In each of the following, draw a perpendicular through point P to the line segment AB :

(i)

(ii)

(iii)

(i) Steps:

1. With P as center, draw an arc of a suitable radius which cuts AB at points C and D.

2. With C and D as centers, draw arcs of equal radii and let these arcs intersect each other at point Q.

(The radius of these arcs must be more than half of CD and both the arcs must be drawn on the other side.)

3. Join P and Q.

4. Let PQ cut AB at point O.

Clearly, ∠AOP = ∠BOP = 90°

Hence, OP is the required perpendicular.

(ii) Steps:

1. With P as center, draw an arc with a suitable radius which cuts AB at points C and D.

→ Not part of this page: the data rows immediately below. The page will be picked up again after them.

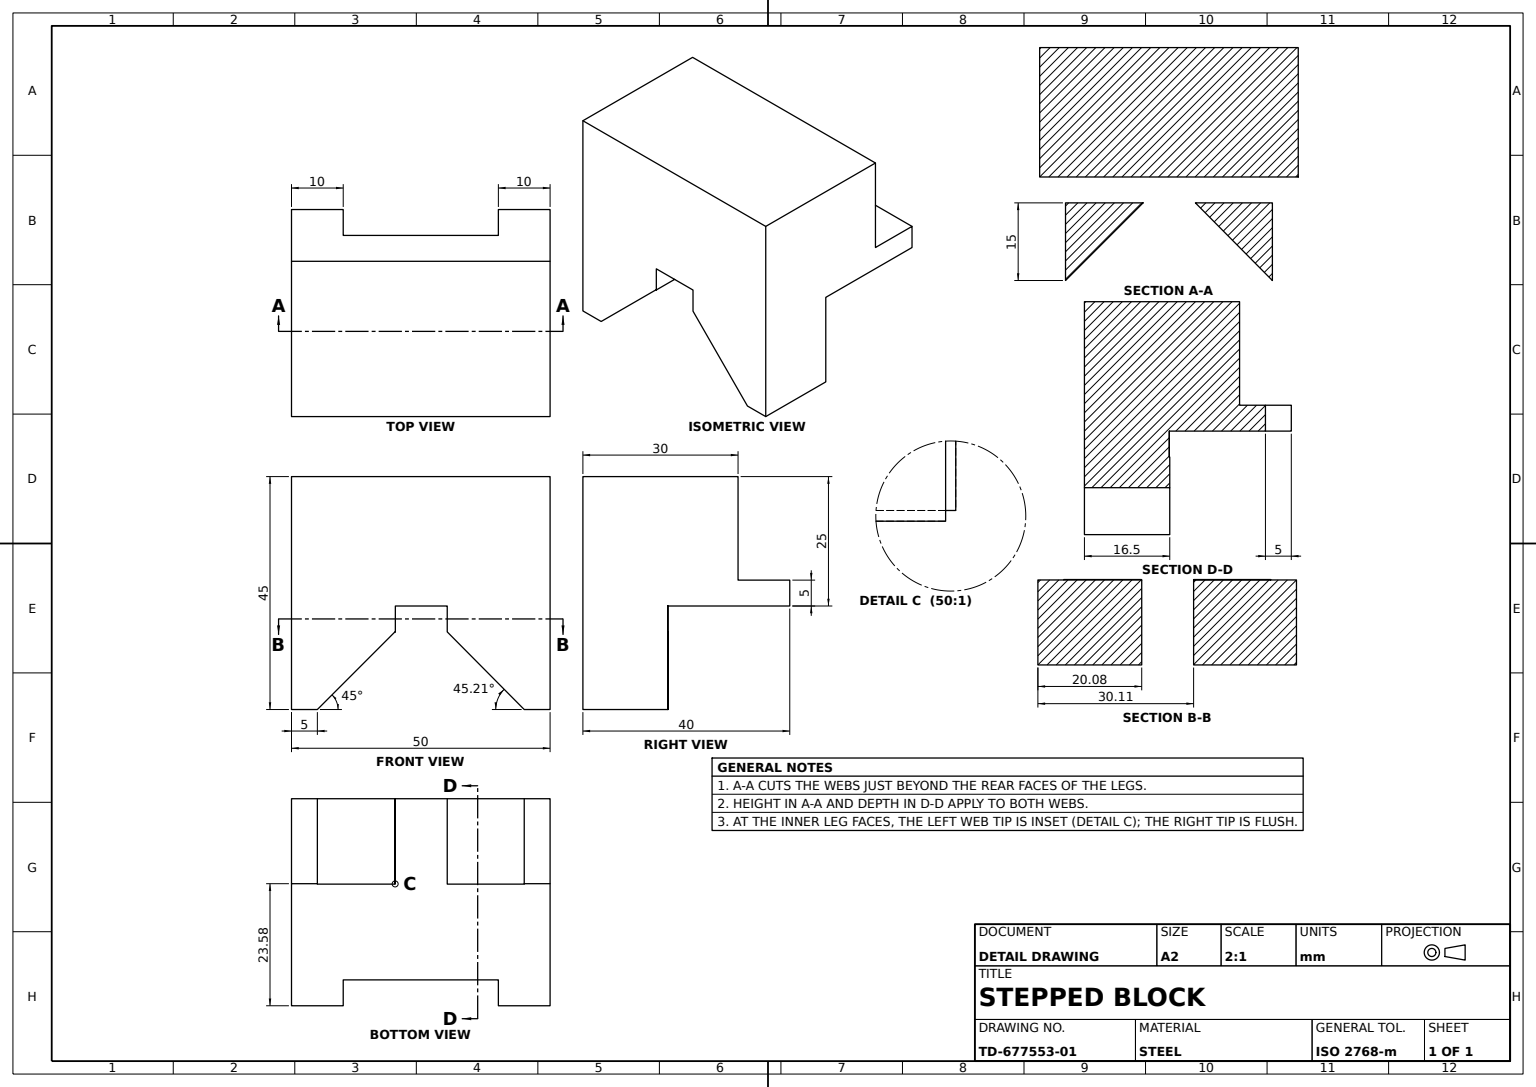
from build123d import *

# Parameters (mm, degrees)
BASE_BLOCK_SKETCH_W       = 50
BASE_BLOCK_SKETCH_H       = 30
BASE_BLOCK_50X30X25_DEPTH = 25
CORNER_STEP_5MM_DEPTH     = 5
LOWER_PLATE_SKETCH_W      = 19.888158271
LOWER_PLATE_SKETCH_H      = 16.417205811
LOWER_PLATE_5MM_DEPTH     = 5
LEG_SKETCH_W              = 5
LEG_SKETCH_H              = 16.417205811
LEG_15MM_DEPTH            = 15
TAPERED_WEB_16_5MM_DEPTH  = 16.5


with BuildPart() as part:
    # Base Block Sketch → Base Block 50x30x25 (new body)
    with BuildSketch(Plane(origin=(0, 0, 0), x_dir=(1, 0, 0), z_dir=(0, 1, 0))):
        with Locations((25, 15)):
            Rectangle(BASE_BLOCK_SKETCH_W, BASE_BLOCK_SKETCH_H)
    extrude(amount=BASE_BLOCK_50X30X25_DEPTH)

    # Corner Step Sketch → Corner Step 5mm (add)
    with BuildSketch(Plane(origin=(0, 0, 0), x_dir=(1, 0, 0), z_dir=(0, 1, 0))):
        Polygon((0, 30), (0, 40), (10, 40), (10, 35), (40, 35), (40, 40), (50, 40), (50, 30), (50, 0), (0, 0), align=None)
    extrude(amount=CORNER_STEP_5MM_DEPTH)

    # Lower Plate Sketch → Lower Plate 5mm (add)
    with BuildSketch(Plane.XZ):
        Polygon((6.770734002, 0), (0, 0), (0, -16.417205811), (6.770734002, -16.417205811), (20.078313967, -16.417205811), (20.078313967, 0), align=None)
        with Locations((40.055920865, -8.208602906)):
            Rectangle(LOWER_PLATE_SKETCH_W, LOWER_PLATE_SKETCH_H)
    extrude(amount=LOWER_PLATE_5MM_DEPTH)

    # Leg Sketch → Leg 15mm (add)
    with BuildSketch(Plane(origin=(0, -5, 0), x_dir=(-1, 0, 0), z_dir=(0, -1, 0))):
        with Locations((-2.5, 8.208602906)):
            Rectangle(LEG_SKETCH_W, LEG_SKETCH_H)
        with Locations((-47.5, 8.208602906)):
            Rectangle(LEG_SKETCH_W, LEG_SKETCH_H)
    extrude(amount=LEG_15MM_DEPTH)

    # Tapered Web Sketch → Tapered Web 16.5mm (add)
    with BuildSketch(Plane.XY):
        Polygon((30.111841729, -5), (45, -20), (45, -5), align=None)
        Polygon((5, -5), (5, -20), (20, -5), align=None)
    extrude(amount=-TAPERED_WEB_16_5MM_DEPTH)


solid = part.part

2. Taking C and D as centers, draw arcs of equal radii which cut each other at point O.

(The radius must be more than half the distance between C and D.)

3. Join P and O.

So, ∠OPA = ∠OPB = 90°.

Hence, OP is the required perpendicular.

(iii) Steps:

1. With P as center, draw an arc of a suitable radius which cuts AB at points C and D.

2. With C and D as centers, draw arcs of equal radii and let these arcs intersect each other at point Q.

(The radius of these arcs must be more than half of CD and both the arcs must be drawn on the other side.)

3. Join P and Q.

4. Let PQ cut AB at point O.

Clearly, ∠AOP = ∠BOP = 90°

Hence, OP is the required perpendicular.